In studying abstract mathematics, we take what is called an axiomatic approach; that is, we take a collection of objects S and assume some rules about their structure. These rules are called axioms.


If we can prove a statement true, then that statement is called a proposition.


A proposition of major importance is called a theorem


Sometimes instead of proving a theorem or proposition all at once, we break the proof down into modules; that is, we prove several supporting propositions, which are called lemmas, and use the results of these propositions to prove the main result.

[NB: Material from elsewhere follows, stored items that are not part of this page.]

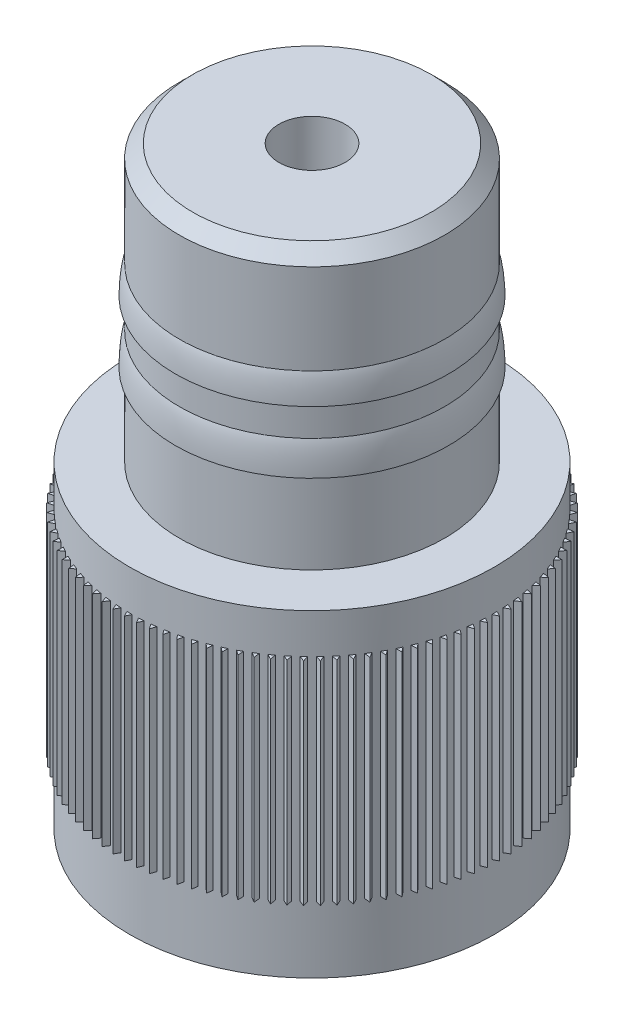
from build123d import *

# Parameters (mm, degrees)
CHAMFER1_SIZE       = 0.5
BOSS_EXTRUDE1_START = -8
BOSS_EXTRUDE1_DEPTH = 8
CIRPATTERN1_COUNT   = 100


with BuildPart() as part:
    # Sketch1 → Revolve1 (revolve)
    with BuildSketch(Plane.XY, mode=Mode.PRIVATE) as revolve1_sk:
        with BuildLine():
            Line((-5, 0), (-5, 3.1))
            Line((-5, 3.1), (-5.15, 3.1))
            add(Edge.make_bspline(
                [(-5, 4.297032053), (-5.05121173, 4.142122175), (-5.086517142, 3.960249608), (-5.134772947, 3.550843087), (-5.146982855, 3.330472207), (-5.15, 3.1)],
                knots=[0, 0, 0, 0, 0.5, 0.5, 1, 1, 1, 1], degree=3))
            Line((-5, 4.297032053), (-5, 5.440840859))
            Line((-5, 5.440840859), (-5.15, 5.440840859))
            add(Edge.make_bspline(
                [(-5, 6.5), (-5.047605665, 6.363384357), (-5.0814919, 6.202637521), (-5.130093219, 5.840342723), (-5.144049999, 5.645135031), (-5.15, 5.440840859)],
                knots=[0, 0, 0, 0, 0.5, 0.5, 1, 1, 1, 1], degree=3))
            Line((-5, 6.5), (-5, 10.4))
            Line((-5, 10.4), (-1.25, 10.4))
            Line((-1.25, 10.4), (-1.25, 0))
            Line((-1.25, 0), (-2.525, 0))
            Line((-2.525, 0), (-2.525, -8.44))
            Line((-2.525, -8.44), (-2.725, -8.44))
            Line((-2.725, -8.44), (-2.725, 0))
            Line((-2.725, 0), (-3.225, 0))
            Line((-3.225, 0), (-3.225, -12))
            Line((-3.225, -12), (-6.88, -12))
            Line((-6.88, -12), (-6.88, 0))
            Line((-6.88, 0), (-5, 0))
        make_face()
    revolve(revolve1_sk.sketch.rotate(Axis((0, -30.576267402, 0), (0, 1, 0)), 270), axis=Axis((0, -30.576267402, 0), (0, 1, 0)))

    # Chamfer1
    chamfer1_edges = [part.edges().sort_by_distance(p)[0] for p in [
        (0, 10.4, 5),
    ]]
    chamfer(chamfer1_edges, length=CHAMFER1_SIZE)

    # Sketch2 → Boss-Extrude1 (add)
    with BuildSketch(Plane.XZ.offset(9.5).offset(BOSS_EXTRUDE1_START)):
        with BuildLine():
            Line((0, 7.08), (-0.1, 6.879273217))
            ThreePointArc((-0.1, 6.879273217), (0, 6.88), (0.1, 6.879273217))
            Line((0.1, 6.879273217), (0, 7.08))
        make_face()
    boss_extrude1 = extrude(amount=BOSS_EXTRUDE1_DEPTH)

    # CirPattern1: Boss-Extrude1 ×100 about axis
    cirpattern1_axis = Axis((0, 0, 0), (0, 1, 0))
    for i in range(1, CIRPATTERN1_COUNT):
        add(boss_extrude1.rotate(cirpattern1_axis, i * 360 / CIRPATTERN1_COUNT))


solid = part.part

If we can prove a proposition or a theorem, we will often, with very little effort, be able to derive other related propositions called corollaries

General Method

Suppose you wish to show that an object exists and is unique. First show that there actually is such an object. To show that it is unique, assume that there are two such objects, say r and s, and then show that r = s.

We use examples to give insight into existing theorems and to foster intuitions as to what new theorems might be true. Applications, examples, and proofs are tightly interconnected—much more so than they may seem at first appearance.

Proving an Implication

  1. Method 1 正向证明

    1. Assume P
    2. Show Q logically with P
  2. Method 2 证明逆否命题

    1. Write, “We prove the contrapositive:” and then state the contrapositive.
    2. Proceed as in Method 1

Proving an “If and Only If”

  1. Method 1 证明两个语句相互蕴涵

    1. 证明 P 蕴含 Q
    2. 证明 Q 蕴含 P
  2. Method 2 构建逻辑链

    1. 证明 P 等价于第二个语句,
    2. 然后第二个语句等价于第三个语句,
    3. 以此类推,直到等价于 Q。
  • Proof by case 分类讨论
  • Proof by contradiction 反证法
    1. 写 假设 P 是假的。
    2. 推导得出错误,逻辑矛盾
    3. 写“得出矛盾。因此,P 一定是真的。